THE JOURNAL

Photograph by Ms Carola de Armas/Blaublut-Edition.com
Stylish and functional, there’s a reason Americana-inspired workwear is a mainstay of a man’s wardrobe.
Look up a definition of fashion and you will probably find something along the lines of “the latest style of clothing”, so it might seem counterintuitive that one of the biggest trends in menswear continues to be a style of clothing that dates back a century or more – workwear.
It is this very longevity that is a large part of workwear’s appeal as it evokes a time when ranchers and prospectors were opening up the West and needed clothes that were built to last – such as Mr Levi Strauss’ eponymous riveted denim trousers that had already become a favourite of miners and cattlemen in the 1870s. And great quality and durability means good value.
Not only does workwear last well, it wears well, adapting itself over time to the wearer’s body and, as form follows function, developing a unique patina. With any luck, having been around for 100 years or so already, it’s unlikely suddenly to go out of style.

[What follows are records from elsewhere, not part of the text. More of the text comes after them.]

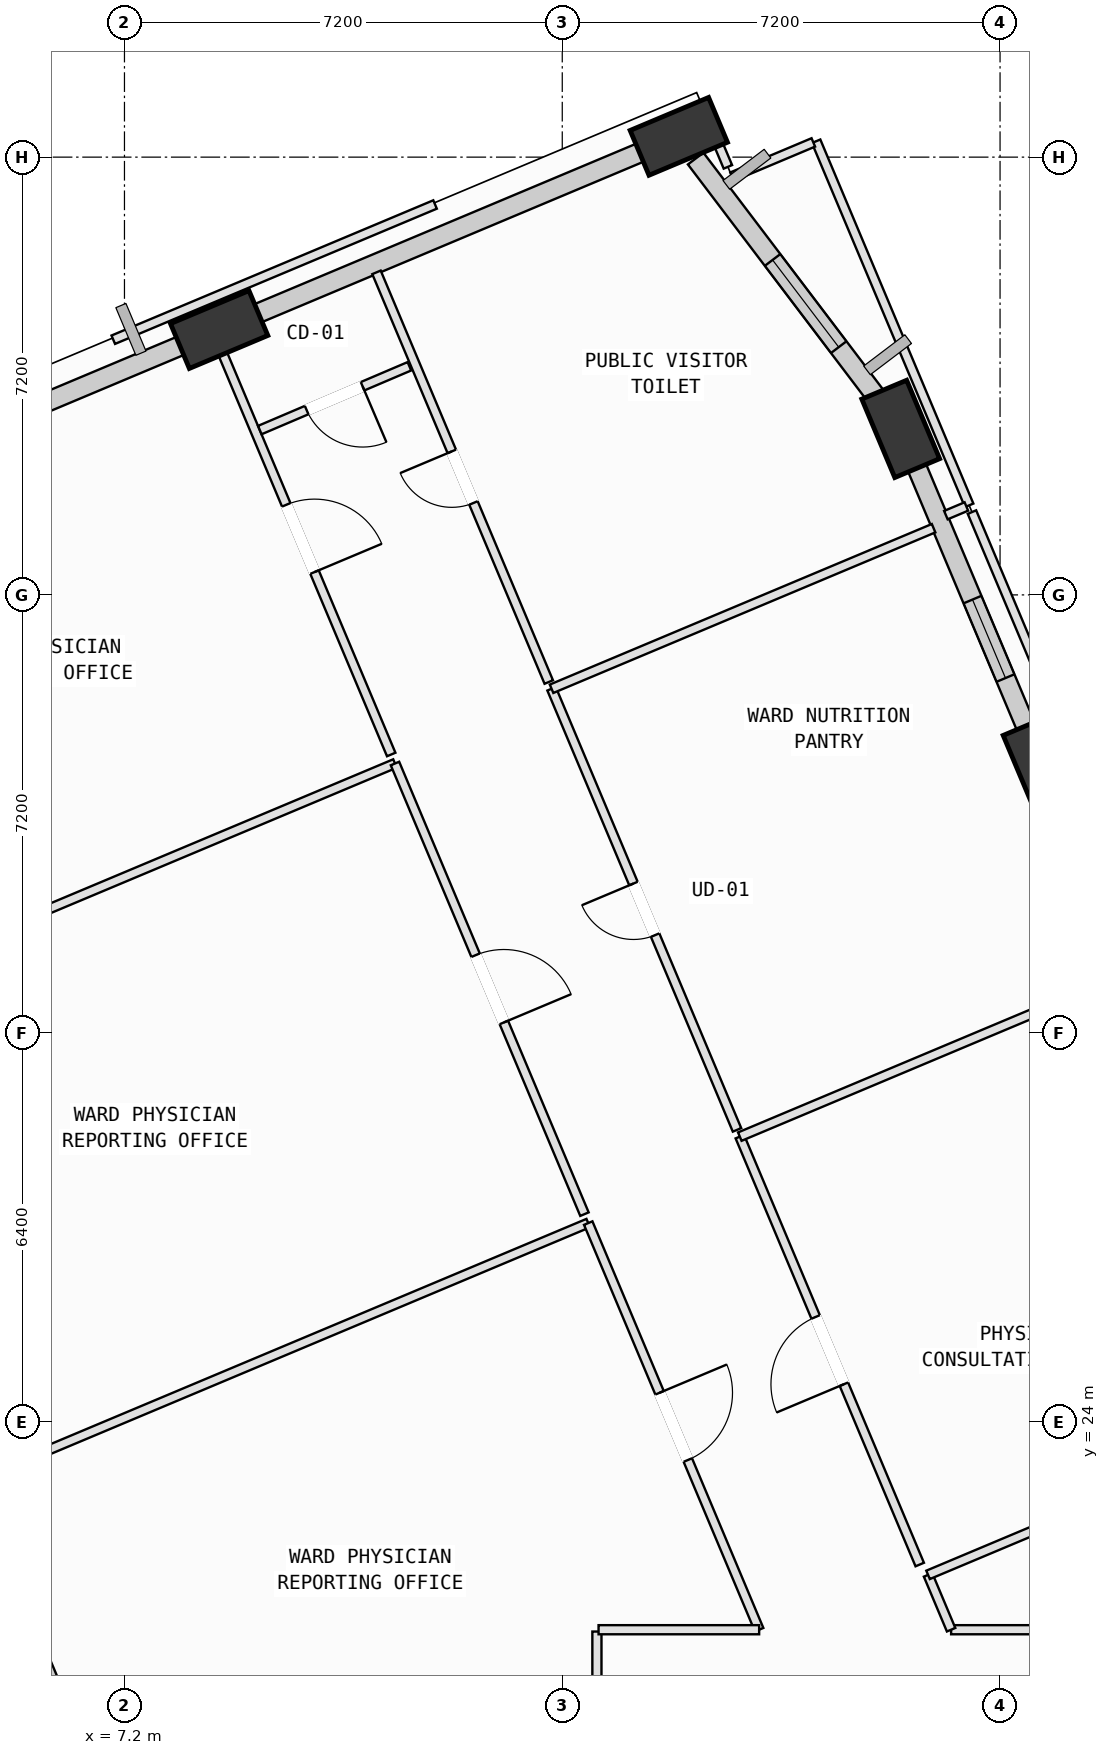
"""IFC4 building model, lengths in metres.
Left out: names, types, materials, properties, quantities, classifications, styles, units other than length and angle.
Written with IfcOpenShell. Run it as: python <this file> out.ifc"""

import sys

from ifc_helpers import new_model, si_unit, direction, frame, frame_2d, origin, origin_2d, place, context, subcontext, project, spatial, rectangle, extrude, element, fill, save


model = new_model("IFC4")
c1 = context("Model", 3, precision=1e-05, world=origin(), true_north=direction((0.0, 1.0)))
c2 = subcontext(c1, "Body", "Model", "MODEL_VIEW")
j1 = project(units=[si_unit("LENGTHUNIT", "METRE"), si_unit("PLANEANGLEUNIT", "RADIAN")], contexts=[c1])
p1 = place(None, origin())
s1 = spatial("IfcSite", under=j1, at=p1, CompositionType="ELEMENT")
p2 = place(p1, origin())
s2 = spatial("IfcBuilding", under=s1, at=p2, CompositionType="ELEMENT")
p3 = place(p2, frame((0.0, 0.0, 120.4)))
s3 = spatial("IfcBuildingStorey", under=s2, at=p3, CompositionType="ELEMENT", Elevation=120.4)
p4 = place(p3, frame((22.292, 34.799, 0.002), z_axis=(-0.040973075372, -0.047131231045, 0.998048021968), x_axis=(0.311183272161, 0.948604503294, 0.057571411811)))
e1 = element("IfcColumn", 1, at=p4, inside=s3, PredefinedType="COLUMN", context=c2, shape_type="SweptSolid", body=[
    extrude(rectangle(XDim=1.4, YDim=0.8, at=origin_2d()), origin(), (0.0, 0.0, 1.0), 4.004),
])
p5 = place(p3, frame((19.966, 40.33, 0.002), z_axis=(-0.063668290579, -0.056790167409, 0.996353966048), x_axis=(0.427498847838, 0.900588142351, 0.078649430732)))
e2 = element("IfcColumn", 2, at=p5, inside=s3, PredefinedType="COLUMN", context=c2, shape_type="SweptSolid", body=[
    extrude(rectangle(XDim=1.4, YDim=0.8, at=origin_2d()), origin(), (0.0, 0.0, 1.0), 4.011),
])
p6 = place(p3, frame((16.317, 45.142, 0.002), z_axis=(-0.083247666563, -0.071892952014, 0.993932205667), x_axis=(0.894040749575, -0.445953232902, 0.042624548837)))
e3 = element("IfcColumn", 3, at=p6, inside=s3, PredefinedType="COLUMN", context=c2, shape_type="SweptSolid", body=[
    extrude(rectangle(XDim=1.4, YDim=0.8, at=origin_2d()), origin(), (0.0, 0.0, 1.0), 4.021),
])
p7 = place(p3, frame((8.757, 41.964, 0.002), z_axis=(-0.069771417755, -0.102747656903, 0.992257460675), x_axis=(0.978659051429, -0.199775110531, 0.048128642913)))
e4 = element("IfcColumn", 4, at=p7, inside=s3, PredefinedType="COLUMN", context=c2, shape_type="SweptSolid", body=[
    extrude(rectangle(XDim=1.4, YDim=0.8, at=origin_2d()), origin(), (0.0, 0.0, 1.0), 4.028),
])
p8 = place(p3, frame((20.17, 39.847, 0.0), z_axis=(0.0, 0.0, 1.0), x_axis=(0.387505493495, -0.921867394212, 0.0)))
e5 = element("IfcWall", 5, at=p8, inside=s3, PredefinedType="SOLIDWALL", context=c2, shape_type="SweptSolid", body=[
    extrude(rectangle(XDim=5.047, YDim=0.32, at=frame_2d((2.523, 0.0))), origin(), (0.0, 0.0, 1.0), 3.165),
])
p9 = place(p8, frame((2.521, 0.0, 0.75)))
e6 = element("IfcOpeningElement", 6, at=p9, cuts=e5, PredefinedType="OPENING", context=c2, shape_type="SweptSolid", body=[
    extrude(rectangle(XDim=1.4, YDim=1.85, at=frame_2d((0.7, 0.925))), frame((0.0, 0.17, 0.0), z_axis=(0.0, -1.0, 0.0), x_axis=(1.0, 0.0, 0.0)), (0.0, 0.0, 1.0), 0.34),
])
p10 = place(p3, frame((16.594, 44.777, 0.0), z_axis=(0.0, 0.0, 1.0), x_axis=(0.604347929442, -0.796720515726, 0.0)))
e7 = element("IfcWall", 7, at=p10, inside=s3, PredefinedType="SOLIDWALL", context=c2, shape_type="SweptSolid", body=[
    extrude(rectangle(XDim=5.128, YDim=0.32, at=frame_2d((2.564, 0.0))), origin(), (0.0, 0.0, 1.0), 3.165),
])
p11 = place(p10, frame((2.094, 0.0, 0.75)))
e8 = element("IfcOpeningElement", 8, at=p11, cuts=e7, PredefinedType="OPENING", context=c2, shape_type="SweptSolid", body=[
    extrude(rectangle(XDim=1.8, YDim=2.05, at=frame_2d((0.9, 1.025))), frame((0.0, 0.17, 0.0), z_axis=(0.0, -1.0, 0.0), x_axis=(1.0, 0.0, 0.0)), (0.0, 0.0, 1.0), 0.34),
])
p12 = place(p3, frame((9.004, 42.068, 0.0), z_axis=(0.0, 0.0, 1.0), x_axis=(0.921864651892, 0.387512017352, 0.0)))
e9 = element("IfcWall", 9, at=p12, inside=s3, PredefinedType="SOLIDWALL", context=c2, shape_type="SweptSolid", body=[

The key to pulling it off is to keep things simple: use block shades of dark blue or neutral colours such as sand, stone and khaki and keep the silhouette clean. Don’t be afraid to mix and match individual pieces. And make sure the fit is relaxed – jackets should be roomy enough to layer pieces underneath. If you want a pop of colour or pattern you should look out for a lumberjack shirt.
Overshirt

Photograph by Mr Stefano Carloni/Mr Tuft
The classic overshirt is a wonderfully practical piece, allowing men to enjoy an extra layer of protection without being weighed down. It also happens to be an ideal between-season piece. Try pairing an overshirt in a complementary but lighter colour over a button-down shirt (to keep your neckline clean). The classic combo is navy and chambray, but any pale blue or white will work just as well. Or wear it open with a white T-shirt. The generous patch pockets are perfect for phones, wallets, earphones and beanies.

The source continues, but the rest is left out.